I make a simple RTF writer to draw a textbox and put Chinese characters into Textbox,but it can't show Chinese characters,only English ANSI string.
CHS:\u27426\u-28722to TaiWan
It supposes to show "CHS:欢迎to Taiwan",but only shows "CHS:to Taiwan".
According to RTF specifications 1.6 above,what is the wrong with below rtf text? Why it cut \u27426\u-28722 by missing some tags?
Each piece of RTF text needs a corresponding Font + charset defined in the fonttbl each time there is a language change.
You can circumvent this by using default font "Arial Unicode MS" and fcharset0 to indicate that we are Unicode and not some other codepage.
Since you are inserting Rtf you can skip the MBCS convention and go exclusively with "\uNNNN?", where NNNN is the integer value in decimal.
ASCII Values < 128 can be left intact. You need to convert 128-255 to Unicode also so that any diacritics are properly encoded.

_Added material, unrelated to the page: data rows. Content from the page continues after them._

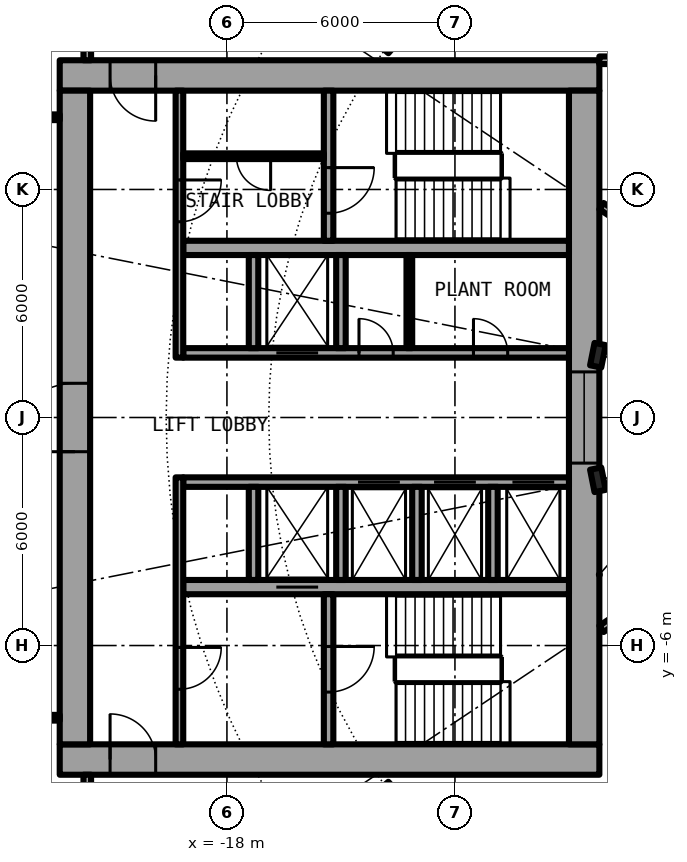
"""IFC4 building model, lengths in metres.
Left out: names, types, materials, properties, quantities, classifications, styles, units other than length and angle.
Written with IfcOpenShell. Run it as: python <this file> out.ifc"""

import sys

from ifc_helpers import new_model, si_unit, direction, frame, frame_2d, origin, origin_2d, place, context, subcontext, project, spatial, rectangle, i_section, extrude, element, fill, save


model = new_model("IFC4")
c1 = context("Model", 3, precision=1e-05, world=origin(), true_north=direction((0.0, 1.0)))
c2 = subcontext(c1, "Body", "Model", "MODEL_VIEW")
j1 = project(units=[si_unit("LENGTHUNIT", "METRE"), si_unit("PLANEANGLEUNIT", "RADIAN")], contexts=[c1])
p1 = place(None, origin())
s1 = spatial("IfcSite", under=j1, at=p1, CompositionType="ELEMENT")
p2 = place(p1, origin())
s2 = spatial("IfcBuilding", under=s1, at=p2, CompositionType="ELEMENT")
p3 = place(p2, frame((0.0, 0.0, 18.3)))
s3 = spatial("IfcBuildingStorey", under=s2, at=p3, CompositionType="ELEMENT", Elevation=18.3)
for number, where, z_axis, x_axis in (
    (1, (-8.239, 1.639, 0.0), (0.0, 0.0, 1.0), (-0.981, 0.195, 0.0)),
    (2, (-8.239, -1.639, 0.0), (0.0, 0.0, 1.0), (-0.981, -0.195, 0.0)),
):
    element("IfcColumn", number, at=place(p3, frame(where, z_axis=z_axis, x_axis=x_axis)), inside=s3, PredefinedType="COLUMN", context=c2, shape_type="SweptSolid", body=[
        extrude(i_section(OverallWidth=0.3, OverallDepth=0.6, WebThickness=0.015, FlangeThickness=0.03, FilletRadius=0.027, at=origin_2d()), origin(), (0.0, 0.0, 1.0), 4.5),
    ])
p4 = place(p3, frame((-22.4, -9.0, 0.0), z_axis=(0.0, 0.0, 1.0), x_axis=(1.0, 0.0, 0.0)))
e3 = element("IfcWall", 3, at=p4, inside=s3, PredefinedType="SHEAR", context=c2, shape_type="SweptSolid", body=[
    extrude(rectangle(XDim=14.2, YDim=0.8, at=frame_2d((7.1, 0.0))), origin(), (0.0, 0.0, 1.0), 4.5),
])
p5 = place(p4, frame((1.325, 0.0, 0.0)))
e4 = element("IfcOpeningElement", 4, at=p5, cuts=e3, PredefinedType="OPENING", context=c2, shape_type="SweptSolid", body=[
    extrude(rectangle(XDim=1.2, YDim=2.3, at=frame_2d((0.6, 1.15))), frame((0.0, 0.41, 0.0), z_axis=(0.0, -1.0, 0.0), x_axis=(1.0, 0.0, 0.0)), (0.0, 0.0, 1.0), 0.82),
])
p6 = place(p3, frame((-8.2, 9.0, 0.0), z_axis=(0.0, 0.0, 1.0), x_axis=(-1.0, 0.0, 0.0)))
e5 = element("IfcWall", 5, at=p6, inside=s3, PredefinedType="SHEAR", context=c2, shape_type="SweptSolid", body=[
    extrude(rectangle(XDim=14.2, YDim=0.8, at=frame_2d((7.1, 0.0))), origin(), (0.0, 0.0, 1.0), 4.5),
])
p7 = place(p6, frame((11.675, 0.0, 0.0)))
e6 = element("IfcOpeningElement", 6, at=p7, cuts=e5, PredefinedType="OPENING", context=c2, shape_type="SweptSolid", body=[
    extrude(rectangle(XDim=1.2, YDim=2.3, at=frame_2d((0.6, 1.15))), frame((0.0, 0.41, 0.0), z_axis=(0.0, -1.0, 0.0), x_axis=(1.0, 0.0, 0.0)), (0.0, 0.0, 1.0), 0.82),
])
p8 = place(p3, frame((-22.0, -8.6, 0.0), z_axis=(0.0, 0.0, 1.0), x_axis=(0.0, 1.0, 0.0)))
e7 = element("IfcWall", 7, at=p8, inside=s3, PredefinedType="SHEAR", context=c2, shape_type="SweptSolid", body=[
    extrude(rectangle(XDim=17.2, YDim=0.8, at=frame_2d((8.6, 0.0))), origin(), (0.0, 0.0, 1.0), 4.5),
])
p9 = place(p8, frame((7.7, 0.0, 0.0)))
e8 = element("IfcOpeningElement", 8, at=p9, cuts=e7, PredefinedType="OPENING", context=c2, shape_type="SweptSolid", body=[
    extrude(rectangle(XDim=1.8, YDim=2.3, at=frame_2d((0.9, 1.15))), frame((0.0, 0.41, 0.0), z_axis=(0.0, -1.0, 0.0), x_axis=(1.0, 0.0, 0.0)), (0.0, 0.0, 1.0), 0.82),
])
p10 = place(p3, frame((-8.6, 8.6, 0.0), z_axis=(0.0, 0.0, 1.0), x_axis=(0.0, -1.0, 0.0)))
e9 = element("IfcWall", 9, at=p10, inside=s3, PredefinedType="SHEAR", context=c2, shape_type="SweptSolid", body=[
    extrude(rectangle(XDim=17.2, YDim=0.8, at=frame_2d((8.6, 0.0))), origin(), (0.0, 0.0, 1.0), 4.5),
])
p11 = place(p10, frame((7.4, 0.0, 0.1)))
e10 = element("IfcOpeningElement", 10, at=p11, cuts=e9, PredefinedType="OPENING", context=c2, shape_type="SweptSolid", body=[
    extrude(rectangle(XDim=2.4, YDim=2.2, at=frame_2d((1.2, 1.1))), frame((0.0, 0.41, 0.0), z_axis=(0.0, -1.0, 0.0), x_axis=(1.0, 0.0, 0.0)), (0.0, 0.0, 1.0), 0.82),
])
p12 = place(p3, frame((-9.0, -1.7, 0.0), z_axis=(0.0, 0.0, 1.0), x_axis=(-1.0, 0.0, 0.0)))
e11 = element("IfcWall", 11, at=p12, inside=s3, PredefinedType="SHEAR", context=c2, shape_type="SweptSolid", body=[
    extrude(rectangle(XDim=10.15, YDim=0.25, at=frame_2d((5.075, 0.0))), origin(), (0.0, 0.0, 1.0), 4.5),
])
p13 = place(p12, frame((0.387, 0.0, 0.0)))
e12 = element("IfcOpeningElement", 12, at=p13, cuts=e11, PredefinedType="OPENING", context=c2, shape_type="SweptSolid", body=[
    extrude(rectangle(XDim=1.1, YDim=2.3, at=frame_2d((0.55, 1.15))), frame((0.0, 0.135, 0.0), z_axis=(0.0, -1.0, 0.0), x_axis=(1.0, 0.0, 0.0)), (0.0, 0.0, 1.0), 0.27),
])
p14 = place(p12, frame((2.45, 0.0, 0.0)))
e13 = element("IfcOpeningElement", 13, at=p14, cuts=e11, PredefinedType="OPENING", context=c2, shape_type="SweptSolid", body=[
    extrude(rectangle(XDim=1.1, YDim=2.3, at=frame_2d((0.55, 1.15))), frame((0.0, 0.135, 0.0), z_axis=(0.0, -1.0, 0.0), x_axis=(1.0, 0.0, 0.0)), (0.0, 0.0, 1.0), 0.27),
])
p15 = place(p12, frame((4.45, 0.0, 0.0)))
e14 = element("IfcOpeningElement", 14, at=p15, cuts=e11, PredefinedType="OPENING", context=c2, shape_type="SweptSolid", body=[
    extrude(rectangle(XDim=1.1, YDim=2.3, at=frame_2d((0.55, 1.15))), frame((0.0, 0.135, 0.0), z_axis=(0.0, -1.0, 0.0), x_axis=(1.0, 0.0, 0.0)), (0.0, 0.0, 1.0), 0.27),
])
p16 = place(p3, frame((-9.0, -4.462, 0.0), z_axis=(0.0, 0.0, 1.0), x_axis=(-1.0, 0.0, 0.0)))
e15 = element("IfcWall", 15, at=p16, inside=s3, PredefinedType="SHEAR", context=c2, shape_type="SweptSolid", body=[
    extrude(rectangle(XDim=10.15, YDim=0.375, at=frame_2d((5.075, 0.0))), origin(), (0.0, 0.0, 1.0), 4.5),
])
p17 = place(p16, frame((6.6, 0.0, 0.0)))
e16 = element("IfcOpeningElement", 16, at=p17, cuts=e15, PredefinedType="OPENING", context=c2, shape_type="SweptSolid", body=[
    extrude(rectangle(XDim=1.1, YDim=2.3, at=frame_2d((0.55, 1.15))), frame((0.0, 0.198, 0.0), z_axis=(0.0, -1.0, 0.0), x_axis=(1.0, 0.0, 0.0)), (0.0, 0.0, 1.0), 0.395),
])
p18 = place(p3, frame((-15.325, -4.65, 0.0), z_axis=(0.0, 0.0, 1.0), x_axis=(0.0, -1.0, 0.0)))
e17 = element("IfcWall", 17, at=p18, inside=s3, PredefinedType="SHEAR", context=c2, shape_type="SweptSolid", body=[
    extrude(rectangle(XDim=3.95, YDim=0.25, at=frame_2d((1.975, 0.0))), origin(), (0.0, 0.0, 1.0), 4.5),
])
p19 = place(p18, frame((1.375, 0.0, 0.0)))
e18 = element("IfcOpeningElement", 18, at=p19, cuts=e17, PredefinedType="OPENING", context=c2, shape_type="SweptSolid", body=[
    extrude(rectangle(XDim=1.2, YDim=2.3, at=frame_2d((0.6, 1.15))), frame((0.0, 0.135, 0.0), z_axis=(0.0, -1.0, 0.0), x_axis=(1.0, 0.0, 0.0)), (0.0, 0.0, 1.0), 0.27),
])
for number, where, z_axis, x_axis in (
    (19, (-15.0, -1.825, 0.0), (0.0, 0.0, 1.0), (0.0, -1.0, 0.0)),
    (20, (-17.3, -1.825, 0.0), (0.0, 0.0, 1.0), (0.0, -1.0, 0.0)),
):
    element("IfcWall", number, at=place(p3, frame(where, z_axis=z_axis, x_axis=x_axis)), inside=s3, PredefinedType="SOLIDWALL", context=c2, shape_type="SweptSolid", body=[
        extrude(rectangle(XDim=2.45, YDim=0.25, at=frame_2d((1.225, 0.0))), origin(), (0.0, 0.0, 1.0), 4.15),
    ])
p20 = place(p3, frame((-19.25, -1.575, 0.0), z_axis=(0.0, 0.0, 1.0), x_axis=(0.0, -1.0, 0.0)))
e21 = element("IfcWall", 21, at=p20, inside=s3, PredefinedType="SOLIDWALL", context=c2, shape_type="SweptSolid", body=[
    extrude(rectangle(XDim=7.025, YDim=0.2, at=frame_2d((3.513, 0.0))), origin(), (0.0, 0.0, 1.0), 4.15),
])
p21 = place(p20, frame((4.475, 0.0, 0.0)))
e22 = element("IfcOpeningElement", 22, at=p21, cuts=e21, PredefinedType="OPENING", context=c2, shape_type="SweptSolid", body=[
    extrude(rectangle(XDim=1.1, YDim=2.3, at=frame_2d((0.55, 1.15))), frame((0.0, 0.11, 0.0), z_axis=(0.0, -1.0, 0.0), x_axis=(1.0, 0.0, 0.0)), (0.0, 0.0, 1.0), 0.22),
])
p22 = place(p3, frame((-19.15, 1.7, 0.0), z_axis=(0.0, 0.0, 1.0), x_axis=(1.0, 0.0, 0.0)))
e23 = element("IfcWall", 23, at=p22, inside=s3, PredefinedType="SHEAR", context=c2, shape_type="SweptSolid", body=[
    extrude(rectangle(XDim=10.15, YDim=0.25, at=frame_2d((5.075, 0.0))), origin(), (0.0, 0.0, 1.0), 4.5),
])
p23 = place(p22, frame((2.45, 0.0, 0.0)))
e24 = element("IfcOpeningElement", 24, at=p23, cuts=e23, PredefinedType="OPENING", context=c2, shape_type="SweptSolid", body=[
    extrude(rectangle(XDim=1.1, YDim=2.3, at=frame_2d((0.55, 1.15))), frame((0.0, 0.135, 0.0), z_axis=(0.0, -1.0, 0.0), x_axis=(1.0, 0.0, 0.0)), (0.0, 0.0, 1.0), 0.27),
])
p24 = place(p22, frame((7.637, 0.0, 0.0)))
e25 = element("IfcOpeningElement", 25, at=p24, cuts=e23, PredefinedType="OPENING", context=c2, shape_type="SweptSolid", body=[
    extrude(rectangle(XDim=0.9, YDim=2.3, at=frame_2d((0.45, 1.15))), frame((0.0, 0.135, 0.0), z_axis=(0.0, -1.0, 0.0), x_axis=(1.0, 0.0, 0.0)), (0.0, 0.0, 1.0), 0.27),
])
p25 = place(p22, frame((4.625, 0.0, 0.0)))
e26 = element("IfcOpeningElement", 26, at=p25, cuts=e23, PredefinedType="OPENING", context=c2, shape_type="SweptSolid", body=[
    extrude(rectangle(XDim=0.9, YDim=2.3, at=frame_2d((0.45, 1.15))), frame((0.0, 0.135, 0.0), z_axis=(0.0, -1.0, 0.0), x_axis=(1.0, 0.0, 0.0)), (0.0, 0.0, 1.0), 0.27),
])
p26 = place(p3, frame((-9.0, 4.462, 0.0), z_axis=(0.0, 0.0, 1.0), x_axis=(-1.0, 0.0, 0.0)))
e27 = element("IfcWall", 27, at=p26, inside=s3, PredefinedType="SHEAR", context=c2, shape_type="SweptSolid", body=[
    extrude(rectangle(XDim=10.15, YDim=0.375, at=frame_2d((5.075, 0.0))), origin(), (0.0, 0.0, 1.0), 4.5),
])
p27 = place(p3, frame((-15.325, 8.6, 0.0), z_axis=(0.0, 0.0, 1.0), x_axis=(0.0, -1.0, 0.0)))
e28 = element("IfcWall", 28, at=p27, inside=s3, PredefinedType="SHEAR", context=c2, shape_type="SweptSolid", body=[
    extrude(rectangle(XDim=3.95, YDim=0.25, at=frame_2d((1.975, 0.0))), origin(), (0.0, 0.0, 1.0), 4.5),
])
p28 = place(p27, frame((2.025, 0.0, 0.0)))
e29 = element("IfcOpeningElement", 29, at=p28, cuts=e28, PredefinedType="OPENING", context=c2, shape_type="SweptSolid", body=[
    extrude(rectangle(XDim=1.2, YDim=2.3, at=frame_2d((0.6, 1.15))), frame((0.0, 0.135, 0.0), z_axis=(0.0, -1.0, 0.0), x_axis=(1.0, 0.0, 0.0)), (0.0, 0.0, 1.0), 0.27),
])
for number, where, z_axis, x_axis in (
    (30, (-15.0, 1.825, 0.0), (0.0, 0.0, 1.0), (0.0, 1.0, 0.0)),
    (31, (-17.3, 1.825, 0.0), (0.0, 0.0, 1.0), (0.0, 1.0, 0.0)),
):
    element("IfcWall", number, at=place(p3, frame(where, z_axis=z_axis, x_axis=x_axis)), inside=s3, PredefinedType="SOLIDWALL", context=c2, shape_type="SweptSolid", body=[
        extrude(rectangle(XDim=2.45, YDim=0.25, at=frame_2d((1.225, 0.0))), origin(), (0.0, 0.0, 1.0), 4.15),
    ])
p29 = place(p3, frame((-19.25, 8.6, 0.0), z_axis=(0.0, 0.0, 1.0), x_axis=(0.0, -1.0, 0.0)))
e32 = element("IfcWall", 32, at=p29, inside=s3, PredefinedType="SOLIDWALL", context=c2, shape_type="SweptSolid", body=[
    extrude(rectangle(XDim=7.025, YDim=0.2, at=frame_2d((3.513, 0.0))), origin(), (0.0, 0.0, 1.0), 4.15),
])
p30 = place(p29, frame((2.35, 0.0, 0.0)))
e33 = element("IfcOpeningElement", 33, at=p30, cuts=e32, PredefinedType="OPENING", context=c2, shape_type="SweptSolid", body=[
    extrude(rectangle(XDim=1.1, YDim=2.3, at=frame_2d((0.55, 1.15))), frame((0.0, 0.11, 0.0), z_axis=(0.0, -1.0, 0.0), x_axis=(1.0, 0.0, 0.0)), (0.0, 0.0, 1.0), 0.22),
])
for number, where, z_axis, x_axis in (
    (34, (-11.0, -1.825, 0.0), (0.0, 0.0, 1.0), (0.0, -1.0, 0.0)),
    (35, (-13.0, -1.825, 0.0), (0.0, 0.0, 1.0), (0.0, -1.0, 0.0)),
):
    element("IfcWall", number, at=place(p3, frame(where, z_axis=z_axis, x_axis=x_axis)), inside=s3, PredefinedType="SOLIDWALL", context=c2, shape_type="SweptSolid", body=[
        extrude(rectangle(XDim=2.45, YDim=0.25, at=frame_2d((1.225, 0.0))), origin(), (0.0, 0.0, 1.0), 4.15),
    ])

Here is an example of a multilanguage rtf using the above method. You can load this into Vb6 RichTextBox TextRTF Property and it should properly display all your strings:
Public Function Uni_RTF(ByVal sText As String) As String
Dim lLen As Long
Dim i As Long
Dim sChar As String
Dim lChar As Integer
lLen = Len(sText)
If lLen Then
For i = 1 To lLen
sChar = Mid$(sText, i, 1)
lChar = AscW(sChar)
Select Case lChar
Case 0 To 127
Uni_RTF = Uni_RTF & sChar
Case Else
Uni_RTF = Uni_RTF & "\u" & lChar & "?"
End Select
Next
Uni_RTF = Replace$(Uni_RTF, vbNewLine, "\par" & vbNewLine)
End If
End Function
Each piece of RTF text needs a corresponding Font + charset defined in the fonttbl each time there is a language change.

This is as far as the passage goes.